As an exercise let us check, sticking to Bayesian approach, what is the
probability that Thompson sampling has higher probability of being best than
greedy one. Here we use the fact that the Dirichlet distribution is a
conjugate prior for the Categorical distribution, and set uniform a priori
beliefs:
julia> posterior = Dirichlet(alg_freq.nrow .+ 1)
Dirichlet{Float64}(alpha=[9737.0, 121.0, 10145.0])
julia> posterior_dis = rand(rng, posterior, 100_000)
3×100000 Array{Float64,2}:
0.484744 0.486453 0.492359 … 0.494059 0.484432 0.482332
0.00632059 0.00692795 0.00563844 0.0076129 0.00706873 0.00782947
0.508936 0.506619 0.502002 0.498328 0.508499 0.509838
julia> mean(x -> x[1] < x[3], eachcol(posterior_dis))
0.99707
We can see that given the sample size of 20,000 this probability is greater than
99%.
However, we see that the considered fractions actually do not differ that much:
julia> transform(alg_freq, :nrow => (x -> x ./ sum(x)) => :freq)
3×3 DataFrame
Row │ best nrow freq
│ String Int64 Float64
─────┼─────────────────────────────────
1 │ Greedy 9736 0.4868
2 │ Greedy|Thompson 120 0.006
3 │ Thompson 10144 0.5072
and the difference in average payoffs we observed above was relatively higher.
Let us dig into this. First we plot a distribution of difference between payoffs
with Thompson and greedy sampling:
payoff_wide = unstack(results, :runid, :alg, :payoff)
Δpayoff = payoff_wide.Thompson .- payoff_wide.Greedy
hist(Δpayoff, 25)
xlabel("Δpayoff: Thompson-Greedy")
getting the following plot:
Now we see what is going on. If Thompson sampling is worse than greedy sampling
it is worse only slightly. On the other hand greedy sampling can be much worse
than Thompson sampling (and we understand when: this is a scenario when greedy
algorithm gets stuck at some sub-optimal alternative).

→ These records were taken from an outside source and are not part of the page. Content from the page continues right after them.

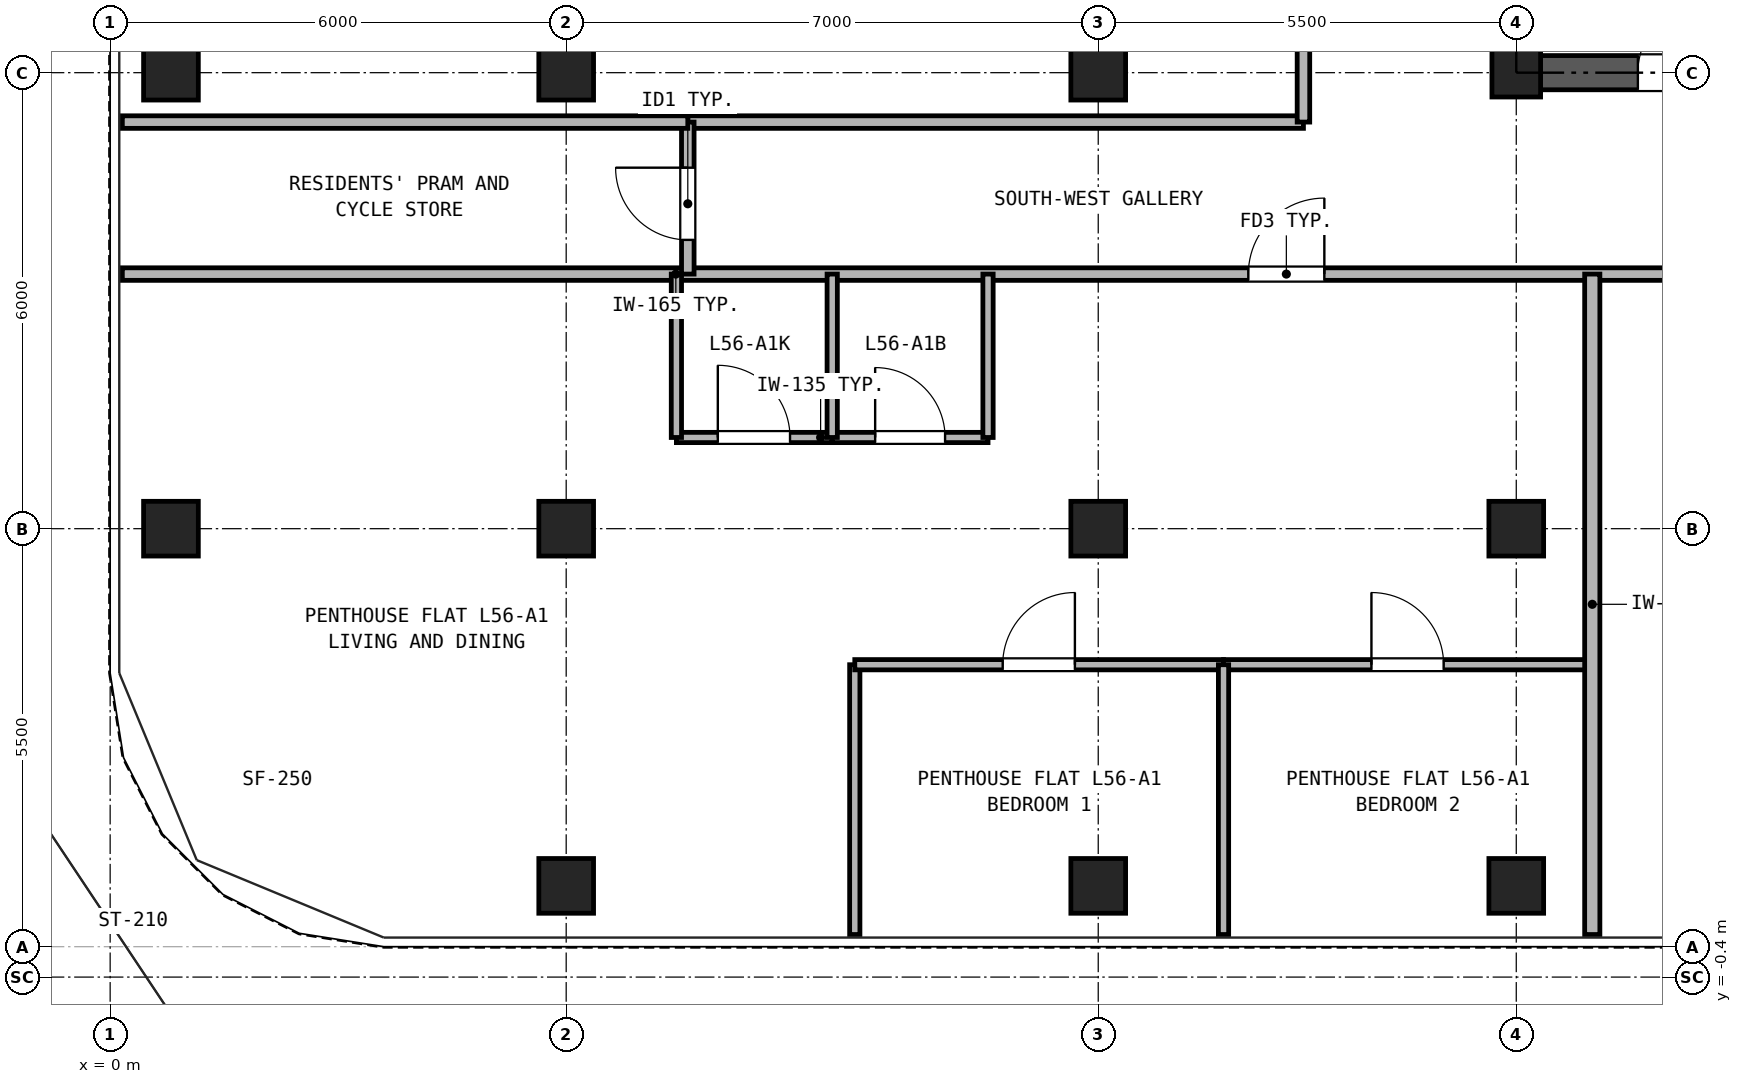
"""IFC4 building model, lengths in metres.
Left out: names, types, materials, properties, quantities, classifications, styles, units other than length and angle.
Written with IfcOpenShell. Run it as: python <this file> out.ifc"""

import sys

from ifc_helpers import new_model, si_unit, direction, frame, frame_2d, origin, origin_2d, place, context, subcontext, project, spatial, rectangle, hollow_rectangle, extrude, source, transform, mapped, element, fill, save


model = new_model("IFC4")
c1 = context("Model", 3, precision=1e-05, world=origin(), true_north=direction((0.0, 1.0)))
c2 = subcontext(c1, "Body", "Model", "MODEL_VIEW")
j1 = project(units=[si_unit("LENGTHUNIT", "METRE"), si_unit("PLANEANGLEUNIT", "RADIAN")], contexts=[c1])
p1 = place(None, origin())
s1 = spatial("IfcSite", under=j1, at=p1, CompositionType="ELEMENT")
p2 = place(p1, origin())
s2 = spatial("IfcBuilding", under=s1, at=p2, CompositionType="ELEMENT")
p3 = place(p2, frame((0.0, 0.0, 199.6)))
s3 = spatial("IfcBuildingStorey", under=s2, at=p3, CompositionType="ELEMENT", Elevation=199.6)
m1 = source(origin(), c2, "Body", "SweptSolid", [
    extrude(hollow_rectangle(XDim=0.72, YDim=0.72, WallThickness=0.04, at=origin_2d()), origin(), (0.0, 0.0, 1.0), 2.95),
])
for number, where, z_axis, x_axis in (
    (1, (6.0, 0.8, 0.0), (0.0, 0.0, 1.0), (1.0, 0.0, 0.0)),
    (2, (13.0, 0.8, 0.0), (0.0, 0.0, 1.0), (1.0, 0.0, 0.0)),
    (3, (18.5, 0.8, 0.0), (0.0, 0.0, 1.0), (1.0, 0.0, 0.0)),
    (4, (0.8, 5.5, 0.0), (0.0, 0.0, 1.0), (1.0, 0.0, 0.0)),
    (5, (0.8, 11.5, 0.0), (0.0, 0.0, 1.0), (1.0, 0.0, 0.0)),
    (6, (6.0, 5.5, 0.0), (0.0, 0.0, 1.0), (1.0, 0.0, 0.0)),
    (7, (6.0, 11.5, 0.0), (0.0, 0.0, 1.0), (1.0, 0.0, 0.0)),
    (8, (13.0, 5.5, 0.0), (0.0, 0.0, 1.0), (1.0, 0.0, 0.0)),
    (9, (13.0, 11.5, 0.0), (0.0, 0.0, 1.0), (1.0, 0.0, 0.0)),
    (10, (18.5, 5.5, 0.0), (0.0, 0.0, 1.0), (1.0, 0.0, 0.0)),
):
    element("IfcColumn", number, at=place(p3, frame(where, z_axis=z_axis, x_axis=x_axis)), inside=s3, PredefinedType="COLUMN", context=c2, shape_type="MappedRepresentation", body=[
        mapped(m1, transform((0.0, 0.0, 0.0), x_axis=(1.0, 0.0, 0.0), y_axis=(0.0, 1.0, 0.0), z_axis=(0.0, 0.0, 1.0), scale=1.0)),
    ])
m2 = source(origin(), c2, "Body", "SweptSolid", [
    extrude(hollow_rectangle(XDim=0.64, YDim=0.64, WallThickness=0.035, at=origin_2d()), origin(), (0.0, 0.0, 1.0), 2.95),
])
p4 = place(p3, frame((18.5, 11.5, 0.0), z_axis=(0.0, 0.0, 1.0), x_axis=(1.0, 0.0, 0.0)))
e11 = element("IfcColumn", 11, at=p4, inside=s3, PredefinedType="COLUMN", context=c2, shape_type="MappedRepresentation", body=[
    mapped(m2, transform((0.0, 0.0, 0.0), x_axis=(1.0, 0.0, 0.0), y_axis=(0.0, 1.0, 0.0), z_axis=(0.0, 0.0, 1.0), scale=1.0)),
])
p5 = place(p3, frame((18.275, 11.5, 0.0), z_axis=(0.0, 0.0, 1.0), x_axis=(1.0, 0.0, 0.0)))
e12 = element("IfcWall", 12, at=p5, inside=s3, PredefinedType="SHEAR", context=c2, shape_type="SweptSolid", body=[
    extrude(rectangle(XDim=10.45, YDim=0.45, at=frame_2d((5.225, 0.0))), origin(), (0.0, 0.0, 1.0), 2.95),
])
p6 = place(p5, frame((1.825, 0.0, 0.0)))
e13 = element("IfcOpeningElement", 13, at=p6, cuts=e12, PredefinedType="OPENING", context=c2, shape_type="SweptSolid", body=[
    extrude(rectangle(XDim=0.95, YDim=2.15, at=frame_2d((0.475, 1.075))), frame((0.0, 0.235, 0.0), z_axis=(0.0, -1.0, 0.0), x_axis=(1.0, 0.0, 0.0)), (0.0, 0.0, 1.0), 0.47),
])
p7 = place(p5, frame((5.325, 0.0, 0.0)))
e14 = element("IfcOpeningElement", 14, at=p7, cuts=e12, PredefinedType="OPENING", context=c2, shape_type="SweptSolid", body=[
    extrude(rectangle(XDim=0.95, YDim=2.15, at=frame_2d((0.475, 1.075))), frame((0.0, 0.235, 0.0), z_axis=(0.0, -1.0, 0.0), x_axis=(1.0, 0.0, 0.0)), (0.0, 0.0, 1.0), 0.47),
])
p8 = place(p5, frame((8.225, 0.0, 0.0)))
e15 = element("IfcOpeningElement", 15, at=p8, cuts=e12, PredefinedType="OPENING", context=c2, shape_type="SweptSolid", body=[
    extrude(rectangle(XDim=1.1, YDim=2.25, at=frame_2d((0.55, 1.125))), frame((0.0, 0.235, 0.0), z_axis=(0.0, -1.0, 0.0), x_axis=(1.0, 0.0, 0.0)), (0.0, 0.0, 1.0), 0.47),
])
p9 = place(p3, frame((18.5, 11.725, 0.0), z_axis=(0.0, 0.0, 1.0), x_axis=(0.0, 1.0, 0.0)))
e16 = element("IfcWall", 16, at=p9, inside=s3, PredefinedType="SHEAR", context=c2, shape_type="SweptSolid", body=[
    extrude(rectangle(XDim=16.8, YDim=0.45, at=frame_2d((8.4, 0.0))), origin(), (0.0, 0.0, 1.0), 2.95),
])
p10 = place(p9, frame((7.425, 0.0, 0.0)))
e17 = element("IfcOpeningElement", 17, at=p10, cuts=e16, PredefinedType="OPENING", context=c2, shape_type="SweptSolid", body=[
    extrude(rectangle(XDim=1.15, YDim=2.2, at=frame_2d((0.575, 1.1))), frame((0.0, 0.235, 0.0), z_axis=(0.0, -1.0, 0.0), x_axis=(1.0, 0.0, 0.0)), (0.0, 0.0, 1.0), 0.47),
])
p11 = place(p3, frame((0.16, 8.85, 0.0), z_axis=(0.0, 0.0, 1.0), x_axis=(1.0, 0.0, 0.0)))
e18 = element("IfcWall", 18, at=p11, inside=s3, PredefinedType="PARTITIONING", context=c2, shape_type="SweptSolid", body=[
    extrude(rectangle(XDim=41.48, YDim=0.165, at=frame_2d((20.74, 0.0))), origin(), (0.0, 0.0, 1.0), 2.95),
])
p12 = place(p11, frame((14.815, 0.0, 0.0)))
e19 = element("IfcOpeningElement", 19, at=p12, cuts=e18, PredefinedType="OPENING", context=c2, shape_type="SweptSolid", body=[
    extrude(rectangle(XDim=1.0, YDim=2.15, at=frame_2d((0.5, 1.075))), frame((0.0, 0.093, 0.0), z_axis=(0.0, -1.0, 0.0), x_axis=(1.0, 0.0, 0.0)), (0.0, 0.0, 1.0), 0.185),
])
p13 = place(p11, frame((28.315, 0.0, 0.0)))
e20 = element("IfcOpeningElement", 20, at=p13, cuts=e18, PredefinedType="OPENING", context=c2, shape_type="SweptSolid", body=[
    extrude(rectangle(XDim=1.0, YDim=2.15, at=frame_2d((0.5, 1.075))), frame((0.0, 0.093, 0.0), z_axis=(0.0, -1.0, 0.0), x_axis=(1.0, 0.0, 0.0)), (0.0, 0.0, 1.0), 0.185),
])
p14 = place(p11, frame((32.615, 0.0, 0.0)))
e21 = element("IfcOpeningElement", 21, at=p14, cuts=e18, PredefinedType="OPENING", context=c2, shape_type="SweptSolid", body=[
    extrude(rectangle(XDim=1.0, YDim=2.15, at=frame_2d((0.5, 1.075))), frame((0.0, 0.093, 0.0), z_axis=(0.0, -1.0, 0.0), x_axis=(1.0, 0.0, 0.0)), (0.0, 0.0, 1.0), 0.185),
])
p15 = place(p3, frame((7.6, 10.85, 0.0), z_axis=(0.0, 0.0, 1.0), x_axis=(1.0, 0.0, 0.0)))
e22 = element("IfcWall", 22, at=p15, inside=s3, PredefinedType="PARTITIONING", context=c2, shape_type="SweptSolid", body=[
    extrude(rectangle(XDim=8.1, YDim=0.165, at=frame_2d((4.05, 0.0))), origin(), (0.0, 0.0, 1.0), 2.95),
])
p16 = place(p3, frame((7.6, 8.85, 0.0), z_axis=(0.0, 0.0, 1.0), x_axis=(0.0, 1.0, 0.0)))
e23 = element("IfcWall", 23, at=p16, inside=s3, PredefinedType="PARTITIONING", context=c2, shape_type="SweptSolid", body=[
    extrude(rectangle(XDim=2.0, YDim=0.165, at=frame_2d((1.0, 0.0))), origin(), (0.0, 0.0, 1.0), 2.95),
])
p17 = place(p16, frame((0.45, 0.0, 0.0)))
e24 = element("IfcOpeningElement", 24, at=p17, cuts=e23, PredefinedType="OPENING", context=c2, shape_type="SweptSolid", body=[
    extrude(rectangle(XDim=0.95, YDim=2.15, at=frame_2d((0.475, 1.075))), frame((0.0, 0.093, 0.0), z_axis=(0.0, -1.0, 0.0), x_axis=(1.0, 0.0, 0.0)), (0.0, 0.0, 1.0), 0.185),
])
p18 = place(p3, frame((15.7, 10.85, 0.0), z_axis=(0.0, 0.0, 1.0), x_axis=(0.0, 1.0, 0.0)))
e25 = element("IfcWall", 25, at=p18, inside=s3, PredefinedType="PARTITIONING", context=c2, shape_type="SweptSolid", body=[
    extrude(rectangle(XDim=24.29, YDim=0.165, at=frame_2d((12.145, 0.0))), origin(), (0.0, 0.0, 1.0), 2.95),
])
p19 = place(p18, frame((2.825, 0.0, 0.0)))
e26 = element("IfcOpeningElement", 26, at=p19, cuts=e25, PredefinedType="OPENING", context=c2, shape_type="SweptSolid", body=[
    extrude(rectangle(XDim=0.95, YDim=2.15, at=frame_2d((0.475, 1.075))), frame((0.0, 0.093, 0.0), z_axis=(0.0, -1.0, 0.0), x_axis=(1.0, 0.0, 0.0)), (0.0, 0.0, 1.0), 0.185),
])
p20 = place(p18, frame((9.15, 0.0, 0.0)))
e27 = element("IfcOpeningElement", 27, at=p20, cuts=e25, PredefinedType="OPENING", context=c2, shape_type="SweptSolid", body=[
    extrude(rectangle(XDim=0.95, YDim=2.15, at=frame_2d((0.475, 1.075))), frame((0.0, 0.093, 0.0), z_axis=(0.0, -1.0, 0.0), x_axis=(1.0, 0.0, 0.0)), (0.0, 0.0, 1.0), 0.185),
])
p21 = place(p18, frame((15.15, 0.0, 0.0)))
e28 = element("IfcOpeningElement", 28, at=p21, cuts=e25, PredefinedType="OPENING", context=c2, shape_type="SweptSolid", body=[
    extrude(rectangle(XDim=0.95, YDim=2.15, at=frame_2d((0.475, 1.075))), frame((0.0, 0.093, 0.0), z_axis=(0.0, -1.0, 0.0), x_axis=(1.0, 0.0, 0.0)), (0.0, 0.0, 1.0), 0.185),
])
p22 = place(p18, frame((20.97, 0.0, 0.0)))
e29 = element("IfcOpeningElement", 29, at=p22, cuts=e25, PredefinedType="OPENING", context=c2, shape_type="SweptSolid", body=[
    extrude(rectangle(XDim=0.95, YDim=2.15, at=frame_2d((0.475, 1.075))), frame((0.0, 0.093, 0.0), z_axis=(0.0, -1.0, 0.0), x_axis=(1.0, 0.0, 0.0)), (0.0, 0.0, 1.0), 0.185),
])
p23 = place(p3, frame((7.45, 6.7, 0.0), z_axis=(0.0, 0.0, 1.0), x_axis=(1.0, 0.0, 0.0)))
e30 = element("IfcWall", 30, at=p23, inside=s3, PredefinedType="PARTITIONING", context=c2, shape_type="SweptSolid", body=[
    extrude(rectangle(XDim=2.05, YDim=0.135, at=frame_2d((1.025, 0.0))), origin(), (0.0, 0.0, 1.0), 2.95),
])
p24 = place(p23, frame((0.545, 0.0, 0.0)))
e31 = element("IfcOpeningElement", 31, at=p24, cuts=e30, PredefinedType="OPENING", context=c2, shape_type="SweptSolid", body=[
    extrude(rectangle(XDim=0.95, YDim=2.15, at=frame_2d((0.475, 1.075))), frame((0.0, 0.077, 0.0), z_axis=(0.0, -1.0, 0.0), x_axis=(1.0, 0.0, 0.0)), (0.0, 0.0, 1.0), 0.155),
])
p25 = place(p3, frame((9.5, 6.7, 0.0), z_axis=(0.0, 0.0, 1.0), x_axis=(1.0, 0.0, 0.0)))
e32 = element("IfcWall", 32, at=p25, inside=s3, PredefinedType="PARTITIONING", context=c2, shape_type="SweptSolid", body=[
    extrude(rectangle(XDim=2.05, YDim=0.135, at=frame_2d((1.025, 0.0))), origin(), (0.0, 0.0, 1.0), 2.95),
])
p26 = place(p25, frame((0.565, 0.0, 0.0)))
e33 = element("IfcOpeningElement", 33, at=p26, cuts=e32, PredefinedType="OPENING", context=c2, shape_type="SweptSolid", body=[
    extrude(rectangle(XDim=0.92, YDim=2.1, at=frame_2d((0.46, 1.05))), frame((0.0, 0.077, 0.0), z_axis=(0.0, -1.0, 0.0), x_axis=(1.0, 0.0, 0.0)), (0.0, 0.0, 1.0), 0.155),
])
for number, where, z_axis, x_axis in (
    (34, (7.45, 6.7, 0.0), (0.0, 0.0, 1.0), (0.0, 1.0, 0.0)),
    (35, (9.5, 6.7, 0.0), (0.0, 0.0, 1.0), (0.0, 1.0, 0.0)),
    (36, (11.55, 6.7, 0.0), (0.0, 0.0, 1.0), (0.0, 1.0, 0.0)),
):
    element("IfcWall", number, at=place(p3, frame(where, z_axis=z_axis, x_axis=x_axis)), inside=s3, PredefinedType="PARTITIONING", context=c2, shape_type="SweptSolid", body=[
        extrude(rectangle(XDim=2.15, YDim=0.135, at=frame_2d((1.075, 0.0))), origin(), (0.0, 0.0, 1.0), 2.95),
    ])
p27 = place(p3, frame((9.797, 0.16, 0.0), z_axis=(0.0, 0.0, 1.0), x_axis=(0.0, 1.0, 0.0)))
e37 = element("IfcWall", 37, at=p27, inside=s3, PredefinedType="PARTITIONING", context=c2, shape_type="SweptSolid", body=[
    extrude(rectangle(XDim=3.55, YDim=0.135, at=frame_2d((1.775, 0.0))), origin(), (0.0, 0.0, 1.0), 2.95),
])
p28 = place(p3, frame((9.797, 3.71, 0.0), z_axis=(0.0, 0.0, 1.0), x_axis=(1.0, 0.0, 0.0)))
e38 = element("IfcWall", 38, at=p28, inside=s3, PredefinedType="PARTITIONING", context=c2, shape_type="SweptSolid", body=[
    extrude(rectangle(XDim=4.851, YDim=0.135, at=frame_2d((2.426, 0.0))), origin(), (0.0, 0.0, 1.0), 2.95),
])
p29 = place(p28, frame((1.946, 0.0, 0.0)))
e39 = element("IfcOpeningElement", 39, at=p29, cuts=e38, PredefinedType="OPENING", context=c2, shape_type="SweptSolid", body=[
    extrude(rectangle(XDim=0.95, YDim=2.15, at=frame_2d((0.475, 1.075))), frame((0.0, 0.077, 0.0), z_axis=(0.0, -1.0, 0.0), x_axis=(1.0, 0.0, 0.0)), (0.0, 0.0, 1.0), 0.155),
])
p30 = place(p3, frame((14.648, 3.71, 0.0), z_axis=(0.0, 0.0, 1.0), x_axis=(1.0, 0.0, 0.0)))
e40 = element("IfcWall", 40, at=p30, inside=s3, PredefinedType="PARTITIONING", context=c2, shape_type="SweptSolid", body=[
    extrude(rectangle(XDim=4.852, YDim=0.135, at=frame_2d((2.426, 0.0))), origin(), (0.0, 0.0, 1.0), 2.95),
])
p31 = place(p30, frame((1.946, 0.0, 0.0)))
e41 = element("IfcOpeningElement", 41, at=p31, cuts=e40, PredefinedType="OPENING", context=c2, shape_type="SweptSolid", body=[
    extrude(rectangle(XDim=0.95, YDim=2.15, at=frame_2d((0.475, 1.075))), frame((0.0, 0.077, 0.0), z_axis=(0.0, -1.0, 0.0), x_axis=(1.0, 0.0, 0.0)), (0.0, 0.0, 1.0), 0.155),
])
p32 = place(p3, frame((14.648, 0.16, 0.0), z_axis=(0.0, 0.0, 1.0), x_axis=(0.0, 1.0, 0.0)))
e42 = element("IfcWall", 42, at=p32, inside=s3, PredefinedType="PARTITIONING", context=c2, shape_type="SweptSolid", body=[
    extrude(rectangle(XDim=3.55, YDim=0.135, at=frame_2d((1.775, 0.0))), origin(), (0.0, 0.0, 1.0), 2.95),
])
p33 = place(p3, frame((19.5, 0.16, 0.0), z_axis=(0.0, 0.0, 1.0), x_axis=(0.0, 1.0, 0.0)))
e43 = element("IfcWall", 43, at=p33, inside=s3, PredefinedType="PARTITIONING", context=c2, shape_type="SweptSolid", body=[
    extrude(rectangle(XDim=8.69, YDim=0.2, at=frame_2d((4.345, 0.0))), origin(), (0.0, 0.0, 1.0), 2.95),
])
p34 = place(p3, frame((0.16, 10.85, 0.0), z_axis=(0.0, 0.0, 1.0), x_axis=(1.0, 0.0, 0.0)))
e44 = element("IfcWall", 44, at=p34, inside=s3, PredefinedType="PARTITIONING", context=c2, shape_type="SweptSolid", body=[
    extrude(rectangle(XDim=7.44, YDim=0.165, at=frame_2d((3.72, 0.0))), origin(), (0.0, 0.0, 1.0), 2.95),
])
p35 = place(p6, frame((0.95, 0.0, 0.0), z_axis=(0.0, 0.0, 1.0), x_axis=(-1.0, 0.0, 0.0)))
e45 = element("IfcDoor", 45, at=p35, inside=s3, OperationType="SINGLE_SWING_RIGHT", PredefinedType="DOOR", context=c2, shape_type="SweptSolid", body=[
    extrude(rectangle(XDim=0.95, YDim=2.15, at=frame_2d((0.475, 1.075))), frame((0.0, 0.025, 0.0), z_axis=(0.0, -1.0, 0.0), x_axis=(1.0, 0.0, 0.0)), (0.0, 0.0, 1.0), 0.05),
])
fill(e13, e45)
p36 = place(p24, origin())
e46 = element("IfcDoor", 46, at=p36, inside=s3, OperationType="SINGLE_SWING_LEFT", PredefinedType="DOOR", context=c2, shape_type="SweptSolid", body=[
    extrude(rectangle(XDim=0.95, YDim=2.15, at=frame_2d((0.475, 1.075))), frame((0.0, 0.025, 0.0), z_axis=(0.0, -1.0, 0.0), x_axis=(1.0, 0.0, 0.0)), (0.0, 0.0, 1.0), 0.05),
])
fill(e31, e46)
p37 = place(p26, origin())
e47 = element("IfcDoor", 47, at=p37, inside=s3, OperationType="SINGLE_SWING_LEFT", PredefinedType="DOOR", context=c2, shape_type="SweptSolid", body=[
    extrude(rectangle(XDim=0.92, YDim=2.1, at=frame_2d((0.46, 1.05))), frame((0.0, 0.025, 0.0), z_axis=(0.0, -1.0, 0.0), x_axis=(1.0, 0.0, 0.0)), (0.0, 0.0, 1.0), 0.05),
])
fill(e33, e47)
p38 = place(p29, frame((0.95, 0.0, 0.0), z_axis=(0.0, 0.0, 1.0), x_axis=(-1.0, 0.0, 0.0)))
e48 = element("IfcDoor", 48, at=p38, inside=s3, OperationType="SINGLE_SWING_RIGHT", PredefinedType="DOOR", context=c2, shape_type="SweptSolid", body=[
    extrude(rectangle(XDim=0.95, YDim=2.15, at=frame_2d((0.475, 1.075))), frame((0.0, 0.025, 0.0), z_axis=(0.0, -1.0, 0.0), x_axis=(1.0, 0.0, 0.0)), (0.0, 0.0, 1.0), 0.05),
])
fill(e39, e48)
p39 = place(p31, frame((0.95, 0.0, 0.0), z_axis=(0.0, 0.0, 1.0), x_axis=(-1.0, 0.0, 0.0)))
e49 = element("IfcDoor", 49, at=p39, inside=s3, OperationType="SINGLE_SWING_LEFT", PredefinedType="DOOR", context=c2, shape_type="SweptSolid", body=[
    extrude(rectangle(XDim=0.95, YDim=2.15, at=frame_2d((0.475, 1.075))), frame((0.0, 0.025, 0.0), z_axis=(0.0, -1.0, 0.0), x_axis=(1.0, 0.0, 0.0)), (0.0, 0.0, 1.0), 0.05),
])
fill(e41, e49)
p40 = place(p12, frame((1.0, 0.0, 0.0), z_axis=(0.0, 0.0, 1.0), x_axis=(-1.0, 0.0, 0.0)))
e50 = element("IfcDoor", 50, at=p40, inside=s3, OperationType="SINGLE_SWING_RIGHT", PredefinedType="DOOR", context=c2, shape_type="SweptSolid", body=[
    extrude(rectangle(XDim=1.0, YDim=2.15, at=frame_2d((0.5, 1.075))), frame((0.0, 0.025, 0.0), z_axis=(0.0, -1.0, 0.0), x_axis=(1.0, 0.0, 0.0)), (0.0, 0.0, 1.0), 0.05),
])
fill(e19, e50)
p41 = place(p17, frame((0.95, 0.0, 0.0), z_axis=(0.0, 0.0, 1.0), x_axis=(-1.0, 0.0, 0.0)))
e51 = element("IfcDoor", 51, at=p41, inside=s3, OperationType="SINGLE_SWING_RIGHT", PredefinedType="DOOR", context=c2, shape_type="SweptSolid", body=[
    extrude(rectangle(XDim=0.95, YDim=2.15, at=frame_2d((0.475, 1.075))), frame((0.0, 0.025, 0.0), z_axis=(0.0, -1.0, 0.0), x_axis=(1.0, 0.0, 0.0)), (0.0, 0.0, 1.0), 0.05),
])
fill(e24, e51)
save(model, sys.argv[1])

We also quickly check the distribution of estimator of the difference in payoffs
using Bayesian bootstrapping (to keep to the style we use in this post):
julia> dd = Dirichlet(length(Δpayoff), 1);
julia> boot = [dot(Δpayoff, rand(rng, dd)) for _ in 1:10_000];
julia> quantile(boot, 0:0.25:1)
5-element Array{Float64,1}:
23.427965439713827
24.64825057737705
24.911299035010433
25.17170629935465
26.513561155964837
and we see, that, as expected the distribution of the difference is very
significantly greater than zero (we could probably easily detect this
significance even with a much smaller number of tests than 20,000).
Conclusion
That was a long post, so let me finish at this point. I hope you enjoyed it and
could also appreciate the data wrangling capabilities that JuliaData ecosystem
offers you. I also encourage you to run some more experiments on your own
to chcek how the considered A/B testing strategies behave under different
parameterizations.
And a usual caveat – performance geeks (are there any in the Julia community?)
can find several spots in my codes that I left sub-optimal to keep them simple.
Feel free to experiment with improving the execution speed of my examples.